Chapter 14. Chapter 14: Population Ecology

Population ecology is a subfield of ecology that studies the interactions of populations of species with their environment—specifically, study of the growth of a population and how other species and the environment influence that growth.

A significant part of ecology deals with the interaction of populations of organisms with other organisms and with their environment. Study of a single individual does not meet the study objectives of ecology.

The population size would decrease. For population size to stay the same (or increase), each mating pair must produce two (or more) offspring that reach sexual maturity.

Density-dependent factors are pressures on a population’s growth that result from population size itself. These factors include limitations on resources such as food, water, and space. As the population size increases, fewer resources are available to support the greater number of organisms. Density-independent factors do not result from population size, but usually result from geological or meteorological forces, such as earthquakes or hurricanes, or from human activity that degrades the environment. These factors lower the environment’s potential to support populations of organisms.

(a) Populations of desert locusts in northwest Africa sometimes undergo explosive growth. These locusts usually live solitary lives, but on occasion, for reasons not entirely understood, they form large migrating swarms that cause extensive crop damage. (b) The lynx and snowshoe hare populations of Canada undergo periodic oscillations. As the snowshoe hare population increases, the lynx, which feed on snowshoe hares, begin to increase in number. As the lynx population increases, more and more snowshoe hares are hunted and eaten by the lynx, causing the snowshoe hare population to decrease. Eventually, the decrease in number of snowshoe hares causes the lynx population to decrease, and the snowshoe hare population again increases. This pattern occurs repeatedly.

Maximum yield is obtained by the harvesting or removal of all or almost all available organisms of a specific kind to be used as food or for other purposes. Not enough of the organisms remain to allow normal population growth. Maximum sustainable yield is the maximum number of organisms that can be harvested or removed but still allow the normal growth of the population.

To determine the organism’s life history, you would need to know when the organism reproduces, how often it reproduces, and how many offspring it produces.

Organisms with a type I survivorship curve produce a small number of offspring and have a high probability of surviving every age interval until they reach old age. Examples include most mammals and the giant tortoise.

Organisms with a shorter breeding season produce more offspring per reproductive event than organisms with a longer breeding season. Generally, the closer an organism lives to the equator, the longer the breeding season.

Sickness and death early in life prevent reproduction and the passing of alleles to the next generation, and thus the prevalence of alleles that cause disease and death early in life will be reduced in a population over time.

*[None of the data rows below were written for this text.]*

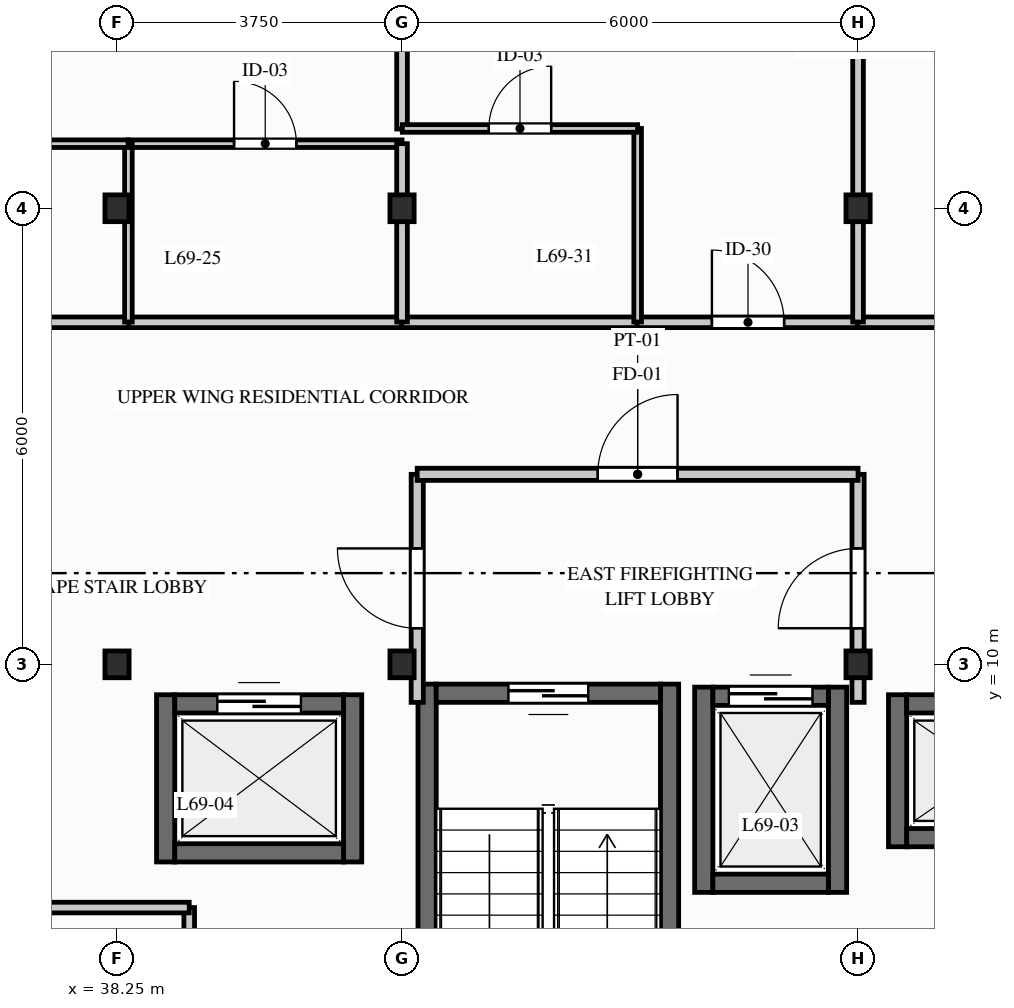
"""IFC4 building model, lengths in metres.
Left out: names, types, materials, properties, quantities, classifications, styles, units other than length and angle.
Written with IfcOpenShell. Run it as: python <this file> out.ifc"""

import sys

from ifc_helpers import new_model, si_unit, direction, frame, frame_2d, origin, origin_2d, place, context, subcontext, project, spatial, rectangle, i_section, extrude, element, fill, save


model = new_model("IFC4")
c1 = context("Model", 3, precision=1e-05, world=origin(), true_north=direction((0.0, 1.0)))
c2 = subcontext(c1, "Body", "Model", "MODEL_VIEW")
j1 = project(units=[si_unit("LENGTHUNIT", "METRE"), si_unit("PLANEANGLEUNIT", "RADIAN")], contexts=[c1])
p1 = place(None, origin())
s1 = spatial("IfcSite", under=j1, at=p1, CompositionType="ELEMENT")
p2 = place(p1, origin())
s2 = spatial("IfcBuilding", under=s1, at=p2, CompositionType="ELEMENT")
p3 = place(p2, frame((0.0, 0.0, 227.3)))
s3 = spatial("IfcBuildingStorey", under=s2, at=p3, CompositionType="ELEMENT", Elevation=227.3)
for number, where, z_axis, x_axis in (
    (1, (38.25, 10.0, 0.0), (0.0, 0.0, 1.0), (1.0, 0.0, 0.0)),
    (2, (38.25, 16.0, 0.0), (0.0, 0.0, 1.0), (1.0, 0.0, 0.0)),
    (3, (42.0, 10.0, 0.0), (0.0, 0.0, 1.0), (1.0, 0.0, 0.0)),
    (4, (42.0, 16.0, 0.0), (0.0, 0.0, 1.0), (1.0, 0.0, 0.0)),
    (5, (48.0, 10.0, 0.0), (0.0, 0.0, 1.0), (1.0, 0.0, 0.0)),
    (6, (48.0, 16.0, 0.0), (0.0, 0.0, 1.0), (1.0, 0.0, 0.0)),
):
    element("IfcColumn", number, at=place(p3, frame(where, z_axis=z_axis, x_axis=x_axis)), inside=s3, PredefinedType="COLUMN", context=c2, shape_type="SweptSolid", body=[
        extrude(i_section(OverallWidth=0.318, OverallDepth=0.353, WebThickness=0.023, FlangeThickness=0.038, FilletRadius=0.015, at=origin_2d()), origin(), (0.0, 0.0, 1.0), 3.1),
    ])
for number, where, z_axis, x_axis in (
    (7, (42.33, 2.54, 0.0), (0.0, 0.0, 1.0), (0.0, 1.0, 0.0)),
    (8, (45.52, 2.54, 0.0), (0.0, 0.0, 1.0), (0.0, 1.0, 0.0)),
):
    element("IfcWall", number, at=place(p3, frame(where, z_axis=z_axis, x_axis=x_axis)), inside=s3, PredefinedType="SHEAR", context=c2, shape_type="SweptSolid", body=[
        extrude(rectangle(XDim=7.2, YDim=0.24, at=frame_2d((3.6, 0.0))), origin(), (0.0, 0.0, 1.0), 2.89),
    ])
p4 = place(p3, frame((45.4, 9.62, 0.0), z_axis=(0.0, 0.0, 1.0), x_axis=(-1.0, 0.0, 0.0)))
e9 = element("IfcWall", 9, at=p4, inside=s3, PredefinedType="SHEAR", context=c2, shape_type="SweptSolid", body=[
    extrude(rectangle(XDim=2.95, YDim=0.24, at=frame_2d((1.475, 0.0))), origin(), (0.0, 0.0, 1.0), 2.89),
])
p5 = place(p4, frame((0.95, 0.0, 0.0)))
e10 = element("IfcOpeningElement", 10, at=p5, cuts=e9, PredefinedType="OPENING", context=c2, shape_type="SweptSolid", body=[
    extrude(rectangle(XDim=1.05, YDim=2.06, at=frame_2d((0.525, 1.03))), frame((0.0, 0.13, 0.0), z_axis=(0.0, -1.0, 0.0), x_axis=(1.0, 0.0, 0.0)), (0.0, 0.0, 1.0), 0.26),
])
for number, where, z_axis, x_axis in (
    (11, (45.97, 7.0, 0.0), (0.0, 0.0, 1.0), (0.0, 1.0, 0.0)),
    (12, (47.73, 7.0, 0.0), (0.0, 0.0, 1.0), (0.0, 1.0, 0.0)),
):
    element("IfcWall", number, at=place(p3, frame(where, z_axis=z_axis, x_axis=x_axis)), inside=s3, PredefinedType="SHEAR", context=c2, shape_type="SweptSolid", body=[
        extrude(rectangle(XDim=2.7, YDim=0.24, at=frame_2d((1.35, 0.0))), origin(), (0.0, 0.0, 1.0), 2.89),
    ])
p6 = place(p3, frame((46.09, 7.12, 0.0), z_axis=(0.0, 0.0, 1.0), x_axis=(1.0, 0.0, 0.0)))
e13 = element("IfcWall", 13, at=p6, inside=s3, PredefinedType="SHEAR", context=c2, shape_type="SweptSolid", body=[
    extrude(rectangle(XDim=1.52, YDim=0.24, at=frame_2d((0.76, 0.0))), origin(), (0.0, 0.0, 1.0), 2.89),
])
p7 = place(p3, frame((46.09, 9.58, 0.0), z_axis=(0.0, 0.0, 1.0), x_axis=(1.0, 0.0, 0.0)))
e14 = element("IfcWall", 14, at=p7, inside=s3, PredefinedType="SHEAR", context=c2, shape_type="SweptSolid", body=[
    extrude(rectangle(XDim=1.52, YDim=0.24, at=frame_2d((0.76, 0.0))), origin(), (0.0, 0.0, 1.0), 2.89),
])
p8 = place(p7, frame((0.21, 0.0, 0.0)))
e15 = element("IfcOpeningElement", 15, at=p8, cuts=e14, PredefinedType="OPENING", context=c2, shape_type="SweptSolid", body=[
    extrude(rectangle(XDim=1.1, YDim=2.06, at=frame_2d((0.55, 1.03))), frame((0.0, 0.13, 0.0), z_axis=(0.0, -1.0, 0.0), x_axis=(1.0, 0.0, 0.0)), (0.0, 0.0, 1.0), 0.26),
])
for number, where, z_axis, x_axis in (
    (16, (38.89, 7.4, 0.0), (0.0, 0.0, 1.0), (0.0, 1.0, 0.0)),
    (17, (41.35, 7.4, 0.0), (0.0, 0.0, 1.0), (0.0, 1.0, 0.0)),
):
    element("IfcWall", number, at=place(p3, frame(where, z_axis=z_axis, x_axis=x_axis)), inside=s3, PredefinedType="SHEAR", context=c2, shape_type="SweptSolid", body=[
        extrude(rectangle(XDim=2.2, YDim=0.24, at=frame_2d((1.1, 0.0))), origin(), (0.0, 0.0, 1.0), 2.89),
    ])
p9 = place(p3, frame((39.01, 7.52, 0.0), z_axis=(0.0, 0.0, 1.0), x_axis=(1.0, 0.0, 0.0)))
e18 = element("IfcWall", 18, at=p9, inside=s3, PredefinedType="SHEAR", context=c2, shape_type="SweptSolid", body=[
    extrude(rectangle(XDim=2.22, YDim=0.24, at=frame_2d((1.11, 0.0))), origin(), (0.0, 0.0, 1.0), 2.89),
])
p10 = place(p3, frame((39.01, 9.48, 0.0), z_axis=(0.0, 0.0, 1.0), x_axis=(1.0, 0.0, 0.0)))
e19 = element("IfcWall", 19, at=p10, inside=s3, PredefinedType="SHEAR", context=c2, shape_type="SweptSolid", body=[
    extrude(rectangle(XDim=2.22, YDim=0.24, at=frame_2d((1.11, 0.0))), origin(), (0.0, 0.0, 1.0), 2.89),
])
p11 = place(p10, frame((0.56, 0.0, 0.0)))
e20 = element("IfcOpeningElement", 20, at=p11, cuts=e19, PredefinedType="OPENING", context=c2, shape_type="SweptSolid", body=[
    extrude(rectangle(XDim=1.1, YDim=2.06, at=frame_2d((0.55, 1.03))), frame((0.0, 0.13, 0.0), z_axis=(0.0, -1.0, 0.0), x_axis=(1.0, 0.0, 0.0)), (0.0, 0.0, 1.0), 0.26),
])
p12 = place(p3, frame((48.52, 7.6, 0.0), z_axis=(0.0, 0.0, 1.0), x_axis=(0.0, 1.0, 0.0)))
e21 = element("IfcWall", 21, at=p12, inside=s3, PredefinedType="SHEAR", context=c2, shape_type="SweptSolid", body=[
    extrude(rectangle(XDim=2.0, YDim=0.24, at=frame_2d((1.0, 0.0))), origin(), (0.0, 0.0, 1.0), 2.89),
])
p13 = place(p3, frame((48.64, 7.72, 0.0), z_axis=(0.0, 0.0, 1.0), x_axis=(1.0, 0.0, 0.0)))
e22 = element("IfcWall", 22, at=p13, inside=s3, PredefinedType="SHEAR", context=c2, shape_type="SweptSolid", body=[
    extrude(rectangle(XDim=2.12, YDim=0.24, at=frame_2d((1.06, 0.0))), origin(), (0.0, 0.0, 1.0), 2.89),
])
p14 = place(p3, frame((48.64, 9.48, 0.0), z_axis=(0.0, 0.0, 1.0), x_axis=(1.0, 0.0, 0.0)))
e23 = element("IfcWall", 23, at=p14, inside=s3, PredefinedType="SHEAR", context=c2, shape_type="SweptSolid", body=[
    extrude(rectangle(XDim=2.12, YDim=0.24, at=frame_2d((1.06, 0.0))), origin(), (0.0, 0.0, 1.0), 2.89),
])
p15 = place(p14, frame((0.51, 0.0, 0.0)))
e24 = element("IfcOpeningElement", 24, at=p15, cuts=e23, PredefinedType="OPENING", context=c2, shape_type="SweptSolid", body=[
    extrude(rectangle(XDim=1.1, YDim=2.06, at=frame_2d((0.55, 1.03))), frame((0.0, 0.13, 0.0), z_axis=(0.0, -1.0, 0.0), x_axis=(1.0, 0.0, 0.0)), (0.0, 0.0, 1.0), 0.26),
])
p16 = place(p3, frame((42.2, 9.5, 0.0), z_axis=(0.0, 0.0, 1.0), x_axis=(0.0, 1.0, 0.0)))
e25 = element("IfcWall", 25, at=p16, inside=s3, PredefinedType="PARTITIONING", context=c2, shape_type="SweptSolid", body=[
    extrude(rectangle(XDim=3.0, YDim=0.16, at=frame_2d((1.5, 0.0))), origin(), (0.0, 0.0, 1.0), 2.325),
])
p17 = place(p16, frame((0.975, 0.0, 0.0)))
e26 = element("IfcOpeningElement", 26, at=p17, cuts=e25, PredefinedType="OPENING", context=c2, shape_type="SweptSolid", body=[
    extrude(rectangle(XDim=1.05, YDim=2.06, at=frame_2d((0.525, 1.03))), frame((0.0, 0.09, 0.0), z_axis=(0.0, -1.0, 0.0), x_axis=(1.0, 0.0, 0.0)), (0.0, 0.0, 1.0), 0.18),
])
p18 = place(p3, frame((48.0, 9.5, 0.0), z_axis=(0.0, 0.0, 1.0), x_axis=(0.0, 1.0, 0.0)))
e27 = element("IfcWall", 27, at=p18, inside=s3, PredefinedType="PARTITIONING", context=c2, shape_type="SweptSolid", body=[
    extrude(rectangle(XDim=3.0, YDim=0.16, at=frame_2d((1.5, 0.0))), origin(), (0.0, 0.0, 1.0), 2.325),
])
p19 = place(p18, frame((0.975, 0.0, 0.0)))
e28 = element("IfcOpeningElement", 28, at=p19, cuts=e27, PredefinedType="OPENING", context=c2, shape_type="SweptSolid", body=[
    extrude(rectangle(XDim=1.05, YDim=2.06, at=frame_2d((0.525, 1.03))), frame((0.0, 0.09, 0.0), z_axis=(0.0, -1.0, 0.0), x_axis=(1.0, 0.0, 0.0)), (0.0, 0.0, 1.0), 0.18),
])
p20 = place(p3, frame((42.2, 12.5, 0.0), z_axis=(0.0, 0.0, 1.0), x_axis=(1.0, 0.0, 0.0)))
e29 = element("IfcWall", 29, at=p20, inside=s3, PredefinedType="PARTITIONING", context=c2, shape_type="SweptSolid", body=[
    extrude(rectangle(XDim=5.8, YDim=0.16, at=frame_2d((2.9, 0.0))), origin(), (0.0, 0.0, 1.0), 2.325),
])
p21 = place(p20, frame((2.375, 0.0, 0.0)))
e30 = element("IfcOpeningElement", 30, at=p21, cuts=e29, PredefinedType="OPENING", context=c2, shape_type="SweptSolid", body=[
    extrude(rectangle(XDim=1.05, YDim=2.06, at=frame_2d((0.525, 1.03))), frame((0.0, 0.09, 0.0), z_axis=(0.0, -1.0, 0.0), x_axis=(1.0, 0.0, 0.0)), (0.0, 0.0, 1.0), 0.18),
])
p22 = place(p3, frame((38.389, 14.5, 0.0), z_axis=(0.0, 0.0, 1.0), x_axis=(1.0, 0.0, 0.0)))
e31 = element("IfcWall", 31, at=p22, inside=s3, PredefinedType="PARTITIONING", context=c2, shape_type="SweptSolid", body=[
    extrude(rectangle(XDim=3.623, YDim=0.14, at=frame_2d((1.811, 0.0))), origin(), (0.0, 0.0, 1.0), 2.325),
])
p23 = place(p3, frame((33.643, 14.5, 0.0), z_axis=(0.0, 0.0, 1.0), x_axis=(1.0, 0.0, 0.0)))
e32 = element("IfcWall", 32, at=p23, inside=s3, PredefinedType="PARTITIONING", context=c2, shape_type="SweptSolid", body=[
    extrude(rectangle(XDim=4.765, YDim=0.14, at=frame_2d((2.382, 0.0))), origin(), (0.0, 0.0, 1.0), 2.325),
])
p24 = place(p23, frame((1.907, 0.0, 0.0)))
e33 = element("IfcOpeningElement", 33, at=p24, cuts=e32, PredefinedType="OPENING", context=c2, shape_type="SweptSolid", body=[
    extrude(rectangle(XDim=0.95, YDim=2.05, at=frame_2d((0.475, 1.025))), frame((0.0, 0.08, 0.0), z_axis=(0.0, -1.0, 0.0), x_axis=(1.0, 0.0, 0.0)), (0.0, 0.0, 1.0), 0.16),
])
p25 = place(p3, frame((41.993, 14.5, 0.0), z_axis=(0.0, 0.0, 1.0), x_axis=(1.0, 0.0, 0.0)))
e34 = element("IfcWall", 34, at=p25, inside=s3, PredefinedType="PARTITIONING", context=c2, shape_type="SweptSolid", body=[
    extrude(rectangle(XDim=3.119, YDim=0.14, at=frame_2d((1.559, 0.0))), origin(), (0.0, 0.0, 1.0), 2.325),
])
p26 = place(p3, frame((45.093, 14.5, 0.0), z_axis=(0.0, 0.0, 1.0), x_axis=(1.0, 0.0, 0.0)))
e35 = element("IfcWall", 35, at=p26, inside=s3, PredefinedType="PARTITIONING", context=c2, shape_type="SweptSolid", body=[
    extrude(rectangle(XDim=2.918, YDim=0.14, at=frame_2d((1.459, 0.0))), origin(), (0.0, 0.0, 1.0), 2.325),
])
p27 = place(p26, frame((0.984, 0.0, 0.0)))
e36 = element("IfcOpeningElement", 36, at=p27, cuts=e35, PredefinedType="OPENING", context=c2, shape_type="SweptSolid", body=[
    extrude(rectangle(XDim=0.95, YDim=2.05, at=frame_2d((0.475, 1.025))), frame((0.0, 0.08, 0.0), z_axis=(0.0, -1.0, 0.0), x_axis=(1.0, 0.0, 0.0)), (0.0, 0.0, 1.0), 0.16),
])
p28 = place(p3, frame((47.993, 14.5, 0.0), z_axis=(0.0, 0.0, 1.0), x_axis=(1.0, 0.0, 0.0)))
e37 = element("IfcWall", 37, at=p28, inside=s3, PredefinedType="PARTITIONING", context=c2, shape_type="SweptSolid", body=[
    extrude(rectangle(XDim=5.615, YDim=0.14, at=frame_2d((2.807, 0.0))), origin(), (0.0, 0.0, 1.0), 2.325),
])
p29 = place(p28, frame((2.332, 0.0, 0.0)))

Species that have evolved in environments that present a high risk of dying at a relatively early age live shorter lives, reproduce earlier, and have more offspring per reproductive event than species that have evolved in environments that present a relatively low risk of dying. If a species that evolved in a high-risk environment were transferred to a low-risk environment, it could eventually evolve to live longer, breed later, and have fewer offspring.

Researchers began with a large number of fruit flies, and after 2 weeks they supplied them with a fresh dish of food and collected the eggs laid in the dish. They measured the longevity of some flies hatched from these eggs (average life span 33 days), and repeated the procedure with this new generation of flies—but this time waiting longer than 2 weeks to collect eggs. They repeated the procedure a number of times, gradually increasing the time until eggs were collected up to 10 weeks, and in this way almost doubled the average life span of the flies to 63 days.

These data can be used for planning and meeting the needs of people in different age groups, called cohorts. For instance, based on the current size of particular cohorts, the data would be useful for planning when and how many schools or other child services might be needed, or hospital maternity services, or assisted living facilities for the elderly.

“Demographic transition” refers to the change in the make-up of a region’s population as it progresses from high birth rates and death rates, to high birth rates and low death rates, then finally to low birth rates and death rates.

The ecological footprint of a population is a description of the amount of resources it uses. Average resource use by each person is so much greater in Japan than in India, which is a much poorer nation, that, overall, the smaller population of Japan has a larger ecological footprint than the larger population of India. Generally, as nations become richer, their ecological footprint increases.